I'm trying to figure out what encoding GA uses when it saves cookies. For example, I can use non-western characters when setting the utm_source parameter and they show up fine in the GA reports. However, if I look at the __utmz cookie, it does not match the value for utm_source parameter, instead is seems to be encoded somehow, I know there is URL encoding, but this is something different.
Example:
1) Visit www.example.com?utm_source=ХЦЧШЩЬЫЪЭЮЯ
2) View cookies. The __utmz cookie saves whatever value was given to utm_source param. It contains the value ХЦЧШЩЬЫЪÐЮЯ which seems to be encoded.
3) click around on website then view GA reports. You see ХЦЧШЩЬЫЪЭЮЯ as visit source, which is correct.
I'm trying to write some JavaScript that will read the __utmz cookie and save it in a Google App Engine Datastore then successfully display it in an HTML page. I've tried all types of encode(utf-8) decode(utf-8) solutions but nothing seems to work. I assume this is because I don't have the original encoding used when setting the cookie.

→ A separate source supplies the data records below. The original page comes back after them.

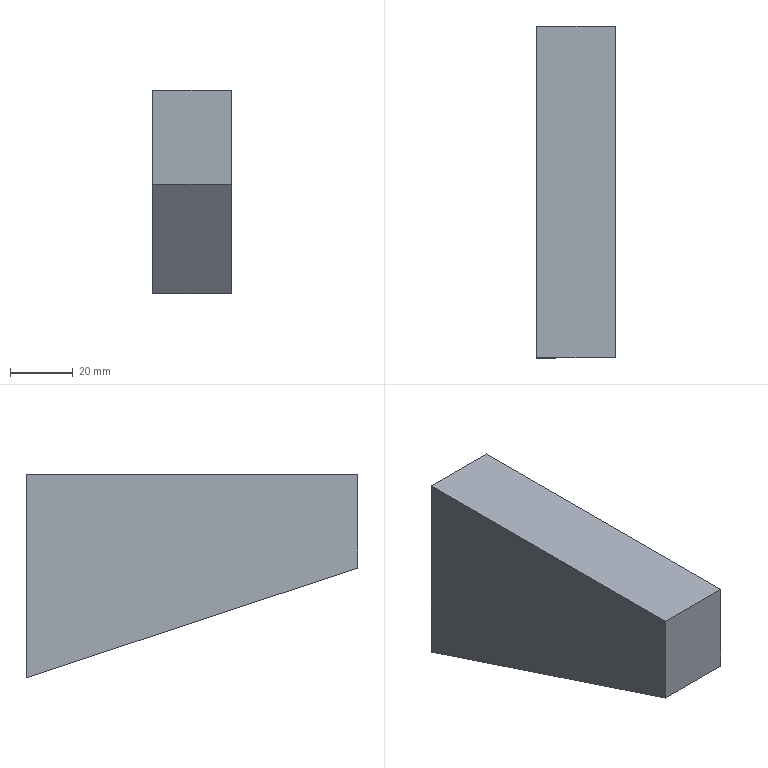Component | SolidWorks | MiddleHousing-1_Stiffener4-1 | 1 solid | 6 faces | box 25 x 106 x 65 mm | volume 125875 mm3 | plane 6
STEP:
#1=COLOUR_RGB('',0.7922,0.8196,0.9333);
#2=FILL_AREA_STYLE_COLOUR('',#1);
#3=FILL_AREA_STYLE('',(#2));
#4=SURFACE_STYLE_FILL_AREA(#3);
#5=SURFACE_SIDE_STYLE('',(#4));
#6=SURFACE_STYLE_USAGE(.BOTH.,#5);
#7=PRESENTATION_STYLE_ASSIGNMENT((#6));
#8=CARTESIAN_POINT('',(3.346,1.181,-7.48));
#9=VERTEX_POINT('',#8);
#10=CARTESIAN_POINT('',(3.346,5.354,-8.858));
#11=VERTEX_POINT('',#10);
#12=CARTESIAN_POINT('',(3.346,1.181,-7.48));
#13=DIRECTION('',(0.,0.9496,-0.3135));
#14=VECTOR('',#13,39.37);
#15=LINE('',#12,#14);
#16=EDGE_CURVE('',#9,#11,#15,.T.);
#17=ORIENTED_EDGE('',*,*,#16,.F.);
#18=CARTESIAN_POINT('',(3.346,1.181,-6.299));
#19=VERTEX_POINT('',#18);
#20=CARTESIAN_POINT('',(3.346,1.181,-8.858));
#21=DIRECTION('',(0.,0.,-1.));
#22=VECTOR('',#21,39.37);
#23=LINE('',#20,#22);
#24=EDGE_CURVE('',#19,#9,#23,.T.);
#25=ORIENTED_EDGE('',*,*,#24,.F.);
#26=CARTESIAN_POINT('',(3.346,5.354,-6.299));
#27=VERTEX_POINT('',#26);
#28=CARTESIAN_POINT('',(3.346,5.354,-6.299));
#29=DIRECTION('',(0.,-1.,0.));
#30=VECTOR('',#29,39.37);
#31=LINE('',#28,#30);
#32=EDGE_CURVE('',#27,#19,#31,.T.);
#33=ORIENTED_EDGE('',*,*,#32,.F.);
#34=CARTESIAN_POINT('',(3.346,5.354,-8.858));
#35=DIRECTION('',(0.,0.,1.));
#36=VECTOR('',#35,39.37);
#37=LINE('',#34,#36);
#38=EDGE_CURVE('',#11,#27,#37,.T.);
#39=ORIENTED_EDGE('',*,*,#38,.F.);
#40=EDGE_LOOP('',(#17,#25,#33,#39));
#41=FACE_OUTER_BOUND('',#40,.T.);
#42=CARTESIAN_POINT('',(3.346,5.354,-8.858));
#43=DIRECTION('',(1.,0.,0.));
#44=DIRECTION('',(0.,0.,-1.));
#45=AXIS2_PLACEMENT_3D('',#42,#43,#44);
#46=PLANE('',#45);
#47=ADVANCED_FACE('',(#41),#46,.F.);
#48=CARTESIAN_POINT('',(4.331,5.354,-8.858));
#49=VERTEX_POINT('',#48);
#50=CARTESIAN_POINT('',(4.331,5.354,-6.299));
#51=VERTEX_POINT('',#50);
#52=CARTESIAN_POINT('',(4.331,5.354,-8.858));
#53=DIRECTION('',(0.,0.,1.));
#54=VECTOR('',#53,39.37);
#55=LINE('',#52,#54);
#56=EDGE_CURVE('',#49,#51,#55,.T.);
#57=ORIENTED_EDGE('',*,*,#56,.F.);
#58=CARTESIAN_POINT('',(4.331,5.354,-8.858));
#59=DIRECTION('',(1.,0.,0.));
#60=VECTOR('',#59,39.37);
#61=LINE('',#58,#60);
#62=EDGE_CURVE('',#11,#49,#61,.T.);
#63=ORIENTED_EDGE('',*,*,#62,.F.);
#64=ORIENTED_EDGE('',*,*,#38,.T.);
#65=CARTESIAN_POINT('',(4.331,5.354,-6.299));
#66=DIRECTION('',(-1.,0.,0.));
#67=VECTOR('',#66,39.37);
#68=LINE('',#65,#67);
#69=EDGE_CURVE('',#51,#27,#68,.T.);
#70=ORIENTED_EDGE('',*,*,#69,.F.);
#71=EDGE_LOOP('',(#57,#63,#64,#70));
#72=FACE_OUTER_BOUND('',#71,.T.);
#73=CARTESIAN_POINT('',(4.331,5.354,-8.858));
#74=DIRECTION('',(0.,-1.,0.));
#75=DIRECTION('',(0.,0.,-1.));
#76=AXIS2_PLACEMENT_3D('',#73,#74,#75);
#77=PLANE('',#76);
#78=ADVANCED_FACE('',(#72),#77,.F.);
#79=ORIENTED_EDGE('',*,*,#16,.T.);
#80=ORIENTED_EDGE('',*,*,#62,.T.);
#81=CARTESIAN_POINT('',(4.331,1.181,-7.48));
#82=VERTEX_POINT('',#81);
#83=CARTESIAN_POINT('',(4.331,5.354,-8.858));
#84=DIRECTION('',(0.,0.9496,-0.3135));
#85=VECTOR('',#84,39.37);
#86=LINE('',#83,#85);
#87=EDGE_CURVE('',#82,#49,#86,.T.);
#88=ORIENTED_EDGE('',*,*,#87,.F.);
#89=CARTESIAN_POINT('',(-2.559,1.181,-7.48));
#90=DIRECTION('',(1.,0.,0.));
#91=VECTOR('',#90,39.37);
#92=LINE('',#89,#91);
#93=EDGE_CURVE('',#9,#82,#92,.T.);
#94=ORIENTED_EDGE('',*,*,#93,.F.);
#95=EDGE_LOOP('',(#79,#80,#88,#94));
#96=FACE_OUTER_BOUND('',#95,.T.);
#97=CARTESIAN_POINT('',(-2.559,5.354,-8.858));
#98=DIRECTION('',(0.,0.3135,0.9496));
#99=DIRECTION('',(0.,-0.9496,0.3135));
#100=AXIS2_PLACEMENT_3D('',#97,#98,#99);
#101=PLANE('',#100);
#102=ADVANCED_FACE('',(#96),#101,.F.);
#103=ORIENTED_EDGE('',*,*,#93,.T.);
#104=CARTESIAN_POINT('',(4.331,1.181,-6.299));
#105=VERTEX_POINT('',#104);
#106=CARTESIAN_POINT('',(4.331,1.181,-8.858));
#107=DIRECTION('',(0.,0.,-1.));
#108=VECTOR('',#107,39.37);
#109=LINE('',#106,#108);
#110=EDGE_CURVE('',#105,#82,#109,.T.);
#111=ORIENTED_EDGE('',*,*,#110,.F.);
#112=CARTESIAN_POINT('',(3.346,1.181,-6.299));
#113=DIRECTION('',(1.,0.,0.));
#114=VECTOR('',#113,39.37);
#115=LINE('',#112,#114);
#116=EDGE_CURVE('',#19,#105,#115,.T.);
#117=ORIENTED_EDGE('',*,*,#116,.F.);
#118=ORIENTED_EDGE('',*,*,#24,.T.);
#119=EDGE_LOOP('',(#103,#111,#117,#118));
#120=FACE_OUTER_BOUND('',#119,.T.);
#121=CARTESIAN_POINT('',(3.346,1.181,-8.858));
#122=DIRECTION('',(0.,1.,0.));
#123=DIRECTION('',(0.,0.,1.));
#124=AXIS2_PLACEMENT_3D('',#121,#122,#123);
#125=PLANE('',#124);
#126=ADVANCED_FACE('',(#120),#125,.F.);
#127=ORIENTED_EDGE('',*,*,#32,.T.);
#128=ORIENTED_EDGE('',*,*,#116,.T.);
#129=CARTESIAN_POINT('',(4.331,0.9843,-6.299));
#130=DIRECTION('',(0.,1.,0.));
#131=VECTOR('',#130,39.37);
#132=LINE('',#129,#131);
#133=EDGE_CURVE('',#105,#51,#132,.T.);
#134=ORIENTED_EDGE('',*,*,#133,.T.);
#135=ORIENTED_EDGE('',*,*,#69,.T.);
#136=EDGE_LOOP('',(#127,#128,#134,#135));
#137=FACE_OUTER_BOUND('',#136,.T.);
#138=CARTESIAN_POINT('',(8.268,0.9843,-6.299));
#139=DIRECTION('',(0.,0.,1.));
#140=DIRECTION('',(1.,0.,0.));
#141=AXIS2_PLACEMENT_3D('',#138,#139,#140);
#142=PLANE('',#141);
#143=ADVANCED_FACE('',(#137),#142,.T.);
#144=ORIENTED_EDGE('',*,*,#87,.T.);
#145=ORIENTED_EDGE('',*,*,#56,.T.);
#146=ORIENTED_EDGE('',*,*,#133,.F.);
#147=ORIENTED_EDGE('',*,*,#110,.T.);
#148=EDGE_LOOP('',(#144,#145,#146,#147));
#149=FACE_OUTER_BOUND('',#148,.T.);
#150=CARTESIAN_POINT('',(4.331,1.181,-8.858));
#151=DIRECTION('',(-1.,-0.,0.));
#152=DIRECTION('',(0.,-1.,0.));
#153=AXIS2_PLACEMENT_3D('',#150,#151,#152);
#154=PLANE('',#153);
#155=ADVANCED_FACE('',(#149),#154,.F.);
#156=CLOSED_SHELL('',(#47,#78,#102,#126,#143,#155));
#157=MANIFOLD_SOLID_BREP('',#156);
#158=STYLED_ITEM('',(#7),#157);
#159=(LENGTH_UNIT()NAMED_UNIT(*)SI_UNIT($,.METRE.));
#160=LENGTH_MEASURE_WITH_UNIT(LENGTH_MEASURE(0.0254),#159);
#161=DIMENSIONAL_EXPONENTS(1.,0.,0.,0.,0.,0.,0.);
#162=(CONVERSION_BASED_UNIT('',#160)LENGTH_UNIT()NAMED_UNIT(#161));
#163=UNCERTAINTY_MEASURE_WITH_UNIT(LENGTH_MEASURE(0.00001),#162,'','');
#164=(NAMED_UNIT(*)PLANE_ANGLE_UNIT()SI_UNIT($,.RADIAN.));
#165=(NAMED_UNIT(*)SI_UNIT($,.STERADIAN.)SOLID_ANGLE_UNIT());
#166=(GEOMETRIC_REPRESENTATION_CONTEXT(3)GLOBAL_UNCERTAINTY_ASSIGNED_CONTEXT((#163))GLOBAL_UNIT_ASSIGNED_CONTEXT((#162,#164,#165))REPRESENTATION_CONTEXT('',''));
#167=MECHANICAL_DESIGN_GEOMETRIC_PRESENTATION_REPRESENTATION('',(#158),#166);
#168=PRESENTATION_LAYER_ASSIGNMENT('','',(#158));
#169=CARTESIAN_POINT('',(0.,0.,0.));
#170=DIRECTION('',(0.,0.,1.));
#171=DIRECTION('',(1.,0.,0.));
#172=AXIS2_PLACEMENT_3D('',#169,#170,#171);
#173=(LENGTH_UNIT()NAMED_UNIT(*)SI_UNIT($,.METRE.));
#174=LENGTH_MEASURE_WITH_UNIT(LENGTH_MEASURE(0.0254),#173);
#175=DIMENSIONAL_EXPONENTS(1.,0.,0.,0.,0.,0.,0.);
#176=(CONVERSION_BASED_UNIT('',#174)LENGTH_UNIT()NAMED_UNIT(#175));
#177=UNCERTAINTY_MEASURE_WITH_UNIT(LENGTH_MEASURE(0.00001),#176,'','');
#178=(NAMED_UNIT(*)PLANE_ANGLE_UNIT()SI_UNIT($,.RADIAN.));
#179=(NAMED_UNIT(*)SI_UNIT($,.STERADIAN.)SOLID_ANGLE_UNIT());
#180=(GEOMETRIC_REPRESENTATION_CONTEXT(3)GLOBAL_UNCERTAINTY_ASSIGNED_CONTEXT((#177))GLOBAL_UNIT_ASSIGNED_CONTEXT((#176,#178,#179))REPRESENTATION_CONTEXT('',''));
#181=ADVANCED_BREP_SHAPE_REPRESENTATION('',(#157,#172),#180);

The encoding used is UTF-8. When ХЦЧШЩЬЫЪЭЮЯ is UTF-8 encoded and then then the bytes of the UTF-8 encoded value are displayed as if they were windows-1252 encoded, you get ХЦЧШЩЬЫЪÐЮЯ. For example, the first character X, cyrillic capital letter ha, is U+0425, which is bytes 0xD0 0xA5 when UTF-8 encoded. When these bytes are interpreted as windows-1252 (or ISO-8859-1) encoded character data, they mean U+00D0 U+00A5, i.e. Ð¥.